The next year the French and English buccaneers who occupied the small island of Tortuga made a descent upon the western part of la Española, called Haiti by the natives (mountainous land), and maintained themselves there till that part of the island was ceded to France by the treaty of Ryswyk, in 1697.

Spain equipped a fleet to clear the West Indies from pirates in 1630, and placed it under the command of Don Federico de Toledo. He was met in the neighborhood of San Cristobal by a numerous fleet of small craft, which had the advantage over the unwieldy Spanish ships in that they could maneuver with greater rapidity and precision. There are no reliable details of the result of the engagement. Abbad tells us that the Spaniards were victorious, but the buccaneers continued to occupy all the islands which they had occupied before.

In 1634 they took possession of Curagao, Aruba, and Bonaíre, near the coast of Venezuela, and established themselves in 1638 in San Eustaquio, Saba, San Martin, and Santa Cruz.

In 1640 the Governor of Puerto Rico sought to expel them from the last-named island. He defeated them, killing many and taking others prisoners; but as soon as he returned to Puerto Rico the Hollanders from San Eustaquio and San Martin reoccupied Santa Cruz, and he was compelled to equip another expedition to dislodge them, in which he was completely successful. This time he left a garrison, but in the same year the French commander, Poincy, came with a strong force and compelled the garrison to capitulate. The island remained a French possession under the name of Saint Croix until it was sold to Denmark, in 1733, for $150,000. Another expedition set out from Puerto Rico in 1650, to oust the French and Hollanders from San Martin. The Spaniards destroyed a fort that had been constructed there, but as soon as they returned to this island the pirates reoccupied their nest. In 1657 an Englishman named Cook came with a sufficient force and San Martin became an English possession.
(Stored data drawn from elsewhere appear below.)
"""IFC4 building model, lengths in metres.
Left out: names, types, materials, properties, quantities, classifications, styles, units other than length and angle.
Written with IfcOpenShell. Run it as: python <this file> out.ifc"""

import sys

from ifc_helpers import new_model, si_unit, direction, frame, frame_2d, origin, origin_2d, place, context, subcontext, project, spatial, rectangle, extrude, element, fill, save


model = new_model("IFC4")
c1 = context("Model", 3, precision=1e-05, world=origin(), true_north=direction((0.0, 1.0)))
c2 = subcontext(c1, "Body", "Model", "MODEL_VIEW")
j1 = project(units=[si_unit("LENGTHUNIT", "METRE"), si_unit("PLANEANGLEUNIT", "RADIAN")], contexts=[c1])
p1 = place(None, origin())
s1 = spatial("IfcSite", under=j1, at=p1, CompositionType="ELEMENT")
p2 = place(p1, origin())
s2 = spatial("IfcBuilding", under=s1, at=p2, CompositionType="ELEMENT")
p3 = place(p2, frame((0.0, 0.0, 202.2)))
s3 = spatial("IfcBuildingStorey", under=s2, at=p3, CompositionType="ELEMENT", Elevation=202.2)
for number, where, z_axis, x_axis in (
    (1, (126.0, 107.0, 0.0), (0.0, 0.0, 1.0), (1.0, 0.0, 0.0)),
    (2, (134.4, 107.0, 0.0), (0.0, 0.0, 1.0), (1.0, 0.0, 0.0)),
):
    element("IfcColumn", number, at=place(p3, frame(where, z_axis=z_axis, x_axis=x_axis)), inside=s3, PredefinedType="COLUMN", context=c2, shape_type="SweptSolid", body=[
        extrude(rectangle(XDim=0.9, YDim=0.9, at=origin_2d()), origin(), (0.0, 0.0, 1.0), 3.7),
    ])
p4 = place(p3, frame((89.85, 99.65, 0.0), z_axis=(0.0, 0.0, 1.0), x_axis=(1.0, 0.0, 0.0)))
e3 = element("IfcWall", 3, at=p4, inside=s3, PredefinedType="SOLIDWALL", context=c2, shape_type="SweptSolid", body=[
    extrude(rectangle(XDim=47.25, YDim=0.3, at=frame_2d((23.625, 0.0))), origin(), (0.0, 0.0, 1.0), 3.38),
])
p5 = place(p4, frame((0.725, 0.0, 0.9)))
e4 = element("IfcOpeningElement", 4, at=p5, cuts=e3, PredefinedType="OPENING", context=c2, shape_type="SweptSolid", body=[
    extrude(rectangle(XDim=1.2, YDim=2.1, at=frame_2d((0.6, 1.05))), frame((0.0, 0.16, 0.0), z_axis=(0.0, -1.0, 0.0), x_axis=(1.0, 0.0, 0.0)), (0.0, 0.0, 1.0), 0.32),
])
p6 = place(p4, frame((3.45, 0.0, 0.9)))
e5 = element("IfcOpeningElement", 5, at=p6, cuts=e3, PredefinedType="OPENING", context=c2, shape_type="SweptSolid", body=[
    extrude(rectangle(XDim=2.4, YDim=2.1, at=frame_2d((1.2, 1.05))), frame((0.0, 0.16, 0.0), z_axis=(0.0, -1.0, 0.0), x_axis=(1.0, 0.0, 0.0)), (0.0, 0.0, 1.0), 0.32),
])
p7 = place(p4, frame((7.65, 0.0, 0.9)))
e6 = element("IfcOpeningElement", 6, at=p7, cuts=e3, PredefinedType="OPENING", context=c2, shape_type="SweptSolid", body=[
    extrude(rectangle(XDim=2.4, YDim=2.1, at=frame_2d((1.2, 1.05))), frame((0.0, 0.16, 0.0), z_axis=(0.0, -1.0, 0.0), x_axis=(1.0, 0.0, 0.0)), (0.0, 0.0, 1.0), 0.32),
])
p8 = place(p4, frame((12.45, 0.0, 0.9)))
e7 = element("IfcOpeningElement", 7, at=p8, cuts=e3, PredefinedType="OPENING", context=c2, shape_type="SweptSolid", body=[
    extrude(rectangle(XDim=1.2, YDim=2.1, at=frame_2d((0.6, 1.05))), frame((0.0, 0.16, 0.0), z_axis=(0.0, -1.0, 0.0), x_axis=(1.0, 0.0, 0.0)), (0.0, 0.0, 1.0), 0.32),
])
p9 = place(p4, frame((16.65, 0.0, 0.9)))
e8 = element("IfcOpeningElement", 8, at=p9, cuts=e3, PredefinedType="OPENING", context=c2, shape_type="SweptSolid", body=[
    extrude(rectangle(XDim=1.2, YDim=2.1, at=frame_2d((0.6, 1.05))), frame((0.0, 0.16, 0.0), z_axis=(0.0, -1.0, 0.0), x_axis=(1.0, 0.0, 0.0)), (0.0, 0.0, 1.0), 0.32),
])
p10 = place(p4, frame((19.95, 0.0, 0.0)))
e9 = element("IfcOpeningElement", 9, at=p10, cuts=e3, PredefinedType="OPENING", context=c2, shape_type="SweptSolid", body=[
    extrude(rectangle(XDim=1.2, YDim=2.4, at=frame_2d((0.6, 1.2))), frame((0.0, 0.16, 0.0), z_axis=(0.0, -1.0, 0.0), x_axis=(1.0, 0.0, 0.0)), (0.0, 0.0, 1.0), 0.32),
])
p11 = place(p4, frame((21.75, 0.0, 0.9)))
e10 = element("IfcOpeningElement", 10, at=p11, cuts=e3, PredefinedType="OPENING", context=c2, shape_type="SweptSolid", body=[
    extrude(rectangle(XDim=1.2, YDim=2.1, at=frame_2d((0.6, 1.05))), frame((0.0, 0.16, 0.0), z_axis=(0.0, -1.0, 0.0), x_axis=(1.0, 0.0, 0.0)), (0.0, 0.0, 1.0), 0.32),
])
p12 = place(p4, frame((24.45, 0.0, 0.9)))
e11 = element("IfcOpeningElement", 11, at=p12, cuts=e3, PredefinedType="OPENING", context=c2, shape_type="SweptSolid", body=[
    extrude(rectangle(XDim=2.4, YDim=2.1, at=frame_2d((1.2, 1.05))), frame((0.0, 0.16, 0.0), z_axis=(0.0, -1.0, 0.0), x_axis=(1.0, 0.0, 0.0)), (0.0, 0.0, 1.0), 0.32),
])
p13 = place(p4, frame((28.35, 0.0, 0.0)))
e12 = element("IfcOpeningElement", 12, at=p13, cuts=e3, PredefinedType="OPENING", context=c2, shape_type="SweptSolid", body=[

About 1665 the French Governor of Tortuga, Beltrán Ogeron, planned the conquest of Puerto Rico. He appeared off the coast with 3 ships, but one of the hurricanes so frequent in these latitudes came to the island's rescue. The ships were stranded, and the surviving Frenchmen made prisoners. Among them was Ogeron himself, but his men shielded him by saying that he was drowned. On the march to the capital he and his ship's surgeon managed to escape, and, after killing the owner of a fishing-smack, returned to Tortuga, where he immediately commenced preparations for another invasion of Puerto Rico. When he came back he was so well received by the armed peasantry (jíbaros) that he was forced to reembark.

From this time to 1679 several expeditions were fitted out in San Juan to drive the filibusters from one or another of the islands in the neighborhood. In 1780 a fleet was equipped with the object of definitely destroying all the pirates' nests. The greater part of the garrison, all the Puerto Ricans most distinguished for bravery, intelligence, and experience, took part in the expedition. The fleet was accompanied by the Spanish battle-ship Carlos V, which carried 50 cannon and 500 men. Of this expedition not a soul returned. It was totally destroyed by a hurricane, and the island was once more plunged in mourning, ruin, and poverty, from which it did not emerge till nearly a century later.

[Footnote 40: In fifteen days 110 men and women were assassinated in the capital alone, some of them persons of distinction. Cánovas, Decadencia de España, Libro VI.]